If you understand fluid dynamics (and gasses and volatilized fluids fall into that definition) or have done any forward spraying before such as with a backpack sprayer, you should know that putting the sprayers that far ahead is also a potentially very bad idea. With forward spraying, you are moving into the spray zone, so you want to move beyond that zone as fast as possible before the spray starts to fill the void in the vineyard aisle you will be passing through. The further you put forward the sprayers, the more likely you will be moving through spray residue.

It may seem contrary to logic, but consider putting the spay nozzles as close to the operator as possible if forward spaying, or if you are DIY build, why not simply route them behind the operator in some way (even better, because any spray forward of the operator will be immediately in the aisle if there is even the slightest breeze).

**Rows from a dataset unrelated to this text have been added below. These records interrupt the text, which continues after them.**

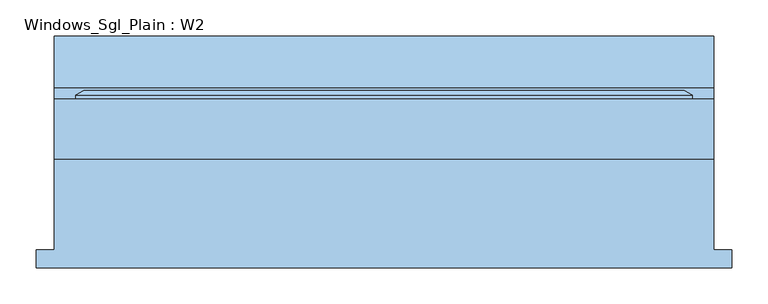
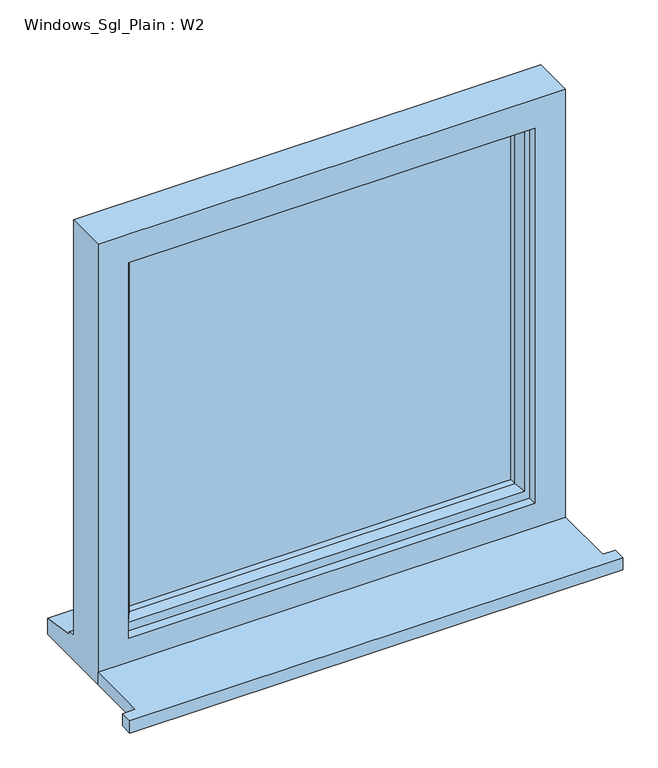
"""IFC4 building model written with IfcOpenShell, lengths in millimetres: window geometry, Windows_Sgl_Plain : W2."""

from ifc_helpers import new_model, si_unit, frame, origin, place, context, project, spatial, polyline, outline, extrude, faceted_brep, source, transform, mapped, element, save


def windows_sgl_plain_w2_7fc3d610(model_context):
    return source(origin(), model_context, "Body", "SolidModel", [
        extrude(outline(polyline([(-482.2, -146.0834322), (-482.2, -121.0834322), (-457.2, -121.0834322), (-457.2, 4.9965678), (457.2, 4.9965678), (457.2, -121.0834322), (482.2, -121.0834322), (482.2, -146.0834322), (-482.2, -146.0834322)])), frame((0.0, 0.0, 1200.0), z_axis=(0.0, 0.0, 1.0), x_axis=(1.0, 0.0, 0.0)), (0.0, 0.0, 1.0), 25.0),
        faceted_brep([(-457.2, 4.9965678, 1200.0), (457.2, 4.9965678, 1200.0), (457.2, 4.9965678, 2110.0), (-457.2, 4.9965678, 2110.0), (-397.2, 4.9965678, 2050.0), (397.2, 4.9965678, 2050.0), (397.2, 4.9965678, 1275.0), (-397.2, 4.9965678, 1275.0), (-457.2, 87.9965678, 2110.0), (-457.2, 87.9965678, 1251.0), (-457.2, 102.9965678, 1249.68767), (-457.2, 102.9965678, 1244.7449676), (-457.2, 175.4965678, 1233.8088847), (-457.2, 175.4965678, 1200.0), (457.2, 87.9965678, 2110.0), (457.2, 87.9965678, 1251.0), (-417.2, 87.9965678, 2070.0), (-417.2, 87.9965678, 1263.0), (417.2, 87.9965678, 1263.0), (417.2, 87.9965678, 2070.0), (-417.2, 22.9965678, 2070.0), (-417.2, 22.9965678, 1263.0), (417.2, 22.9965678, 2070.0), (417.2, 22.9965678, 1263.0), (-397.2, 22.9965678, 2050.0), (-397.2, 22.9965678, 1275.0), (397.2, 22.9965678, 1275.0), (397.2, 22.9965678, 2050.0), (457.2, 175.4965678, 1200.0), (457.2, 175.4965678, 1233.8088847), (457.2, 102.9965678, 1244.7449676), (457.2, 102.9965678, 1249.68767)], [[[0, 1, 2, 3], [4, 5, 6, 7]], [[0, 3, 8, 9, 10, 11, 12, 13]], [[9, 8, 14, 15], [16, 17, 18, 19]], [[17, 16, 20, 21]], [[20, 22, 23, 21], [24, 25, 26, 27]], [[24, 4, 7, 25]], [[3, 2, 14, 8]], [[16, 19, 22, 20]], [[5, 4, 24, 27]], [[15, 14, 2, 1, 28, 29, 30, 31]], [[19, 18, 23, 22]], [[5, 27, 26, 6]], [[28, 1, 0, 13]], [[29, 28, 13, 12]], [[30, 29, 12, 11]], [[31, 30, 11, 10]], [[15, 31, 10, 9]], [[21, 23, 18, 17]], [[7, 6, 26, 25]]]),
        extrude(outline(polyline([(387.2, 51.9965678), (-387.2, 51.9965678), (-387.2, 75.9965678), (387.2, 75.9965678), (387.2, 51.9965678)])), frame((0.0, 0.0, 1293.0), z_axis=(0.0, 0.0, 1.0), x_axis=(1.0, 0.0, 0.0)), (0.0, 0.0, 1.0), 747.0),
        faceted_brep([(-427.2, 87.9965678, 2080.0), (-427.2, 93.7700705, 2080.0), (-427.2, 93.7700705, 1253.0), (-427.2, 87.9965678, 1253.0), (-417.2, 22.9965678, 2070.0), (-417.2, 87.9965678, 2070.0), (-417.2, 87.9965678, 1263.0), (-417.2, 22.9965678, 1263.0), (-377.2, 37.4894677, 2030.0), (-387.3480377, 22.9965678, 2040.1480377), (-387.3480377, 22.9965678, 1292.8519623), (-377.2, 37.4894677, 1303.0), (-377.2, 51.9965678, 2030.0), (-377.2, 51.9965678, 1303.0), (-387.2, 75.9965678, 2040.0), (-387.2, 51.9965678, 2040.0), (-387.2, 51.9965678, 1293.0), (-387.2, 75.9965678, 1293.0), (-377.2, 93.7700705, 2030.0), (-377.2, 75.9965678, 2030.0), (-377.2, 75.9965678, 1303.0), (-377.2, 93.7700705, 1303.0), (-394.6457548, 99.5435732, 2047.4457548), (-394.6457548, 99.5435732, 1285.5542452), (-416.4153903, 99.5435732, 2069.2153903), (-416.4153903, 99.5435732, 1263.7846097), (427.2, 93.7700705, 1253.0), (427.2, 87.9965678, 1253.0), (417.2, 87.9965678, 1263.0), (417.2, 22.9965678, 1263.0), (387.3480377, 22.9965678, 1292.8519623), (377.2, 37.4894677, 1303.0), (377.2, 51.9965678, 1303.0), (387.2, 51.9965678, 1293.0), (387.2, 75.9965678, 1293.0), (377.2, 75.9965678, 1303.0), (377.2, 93.7700705, 1303.0), (394.6457548, 99.5435732, 1285.5542452), (416.4153903, 99.5435732, 1263.7846097), (427.2, 93.7700705, 2080.0), (427.2, 87.9965678, 2080.0), (417.2, 87.9965678, 2070.0), (417.2, 22.9965678, 2070.0), (387.3480377, 22.9965678, 2040.1480377), (377.2, 37.4894677, 2030.0), (377.2, 51.9965678, 2030.0), (387.2, 51.9965678, 2040.0), (387.2, 75.9965678, 2040.0), (377.2, 75.9965678, 2030.0), (377.2, 93.7700705, 2030.0), (394.6457548, 99.5435732, 2047.4457548), (416.4153903, 99.5435732, 2069.2153903)], [[[0, 1, 2, 3]], [[4, 5, 6, 7]], [[8, 9, 10, 11]], [[12, 8, 11, 13]], [[14, 15, 16, 17]], [[18, 19, 20, 21]], [[22, 18, 21, 23]], [[1, 24, 25, 2]], [[3, 2, 26, 27]], [[7, 6, 28, 29]], [[11, 10, 30, 31]], [[13, 11, 31, 32]], [[17, 16, 33, 34]], [[21, 20, 35, 36]], [[23, 21, 36, 37]], [[2, 25, 38, 26]], [[27, 26, 39, 40]], [[29, 28, 41, 42]], [[31, 30, 43, 44]], [[32, 31, 44, 45]], [[34, 33, 46, 47]], [[36, 35, 48, 49]], [[37, 36, 49, 50]], [[26, 38, 51, 39]], [[40, 39, 1, 0]], [[3, 27, 40, 0], [5, 41, 28, 6]], [[42, 41, 5, 4]], [[7, 29, 42, 4], [9, 43, 30, 10]], [[44, 43, 9, 8]], [[45, 44, 8, 12]], [[15, 46, 33, 16], [13, 32, 45, 12]], [[47, 46, 15, 14]], [[17, 34, 47, 14], [19, 48, 35, 20]], [[49, 48, 19, 18]], [[50, 49, 18, 22]], [[24, 51, 38, 25], [23, 37, 50, 22]], [[39, 51, 24, 1]]]),
    ])


if __name__ == "__main__":
    model = new_model("IFC4")
    model_context = context("Model", 3, world=origin())
    ifc_project = project(units=[si_unit("LENGTHUNIT", "METRE", prefix="MILLI")], contexts=[model_context])
    site = spatial("IfcSite", under=ifc_project)
    building = spatial("IfcBuilding", under=site)
    placement = place(None, origin())
    windows_sgl_plain_w2_shape = windows_sgl_plain_w2_7fc3d610(model_context)
    element("IfcWindow", 1, ObjectType="Windows_Sgl_Plain : W2", at=placement, inside=building, context=model_context, shape_type="MappedRepresentation", body=[
        mapped(windows_sgl_plain_w2_shape, transform((0.0, 0.0, 0.0), x_axis=(1.0, 0.0, 0.0), y_axis=(0.0, 1.0, 0.0), z_axis=(0.0, 0.0, 1.0))),
    ])
    save(model, "model.ifc")

# Revit data of these elements
# Type "Windows_Sgl_Plain : W2"
#   Type Mark = "57"
#   Operation = "SinglePanel"
#   Construction Type Id = "SGL"
#   Manufacturer = "Revit"
#   Keynote = "L10"
#   Analytic Construction = "Large single-glazed windows"
#   Wrap Layers (Ext) from Ext = 0.336286 ft
#   Wrap Layers (Int) from Ext = 0.582349 ft
#   Window Board Projection = 0.082021 ft
#   Window Board Extension = 0.082021 ft
#   Visual Light Transmittance = 0.9
#   Solar Heat Gain Coefficient = 0.86
#   Rough Width = 3.0 ft
#   Rough Height = 2.985564 ft
#   Height = 2.985564 ft
#   Width = 3.0 ft
#   Heat Transfer Coefficient (U) = 5.5617 W/(m²·K)
#   Glazing Thickness = 0.07874 ft
#   FrameOffset - External = 0.164042 ft
#   Frame Depth = 0.213255 ft
#   Default Head Height = 6.922572 ft
#   Cill Depth = 0.287073 ft
#   Cavity Closer Width = 0.164042 ft
#   Cavity Closer Offset from Ext = 0.336286 ft
#   Cavity Closer Depth = 0.278871 ft
#   Vis - Cavity Closers = yes
#   Define Thermal Properties by = 1
#   Material Trim = Window Frame
#   Material Glass = Glass
#   Material Frame = Window Frame
#   Wall Closure = (empty or 0)
# Element 1 (IfcWindow, "Windows_Sgl_Plain : W2")
#   Materials on its faces: "Window Frame", "Glass"
# Materials
#   "Window Frame": colour RGB 249 249 249, transparency 0, Keynote = "L10", Cost = 0
#   "Glass": class "Glass", colour RGB 0 128 192, transparency 0.9, Description = "Soda Lime Glass", Cost = 0

I would recommend building a trailer. Having the tank and pump up front, but the sprayers on the trailer. Run a hose between them. If your land is steep, then go up and down every second or third row. That is take a wide arch on your passes at the end of each row. This not only will allow you to clear the trailer, but will be safer on hills when you go horizontal to the hill without having to deal with tight turns. And going every second or third row also allows spray to dissipate between passes. I am suggesting this from 20 years of vineyard management experience (and also, from that, why I am saying your design is not ideal).



LordSauvignon said:


> In addition, in the vineyard we use only basic sprays based on sulfur and bicarbonates and then plant extracts and teas.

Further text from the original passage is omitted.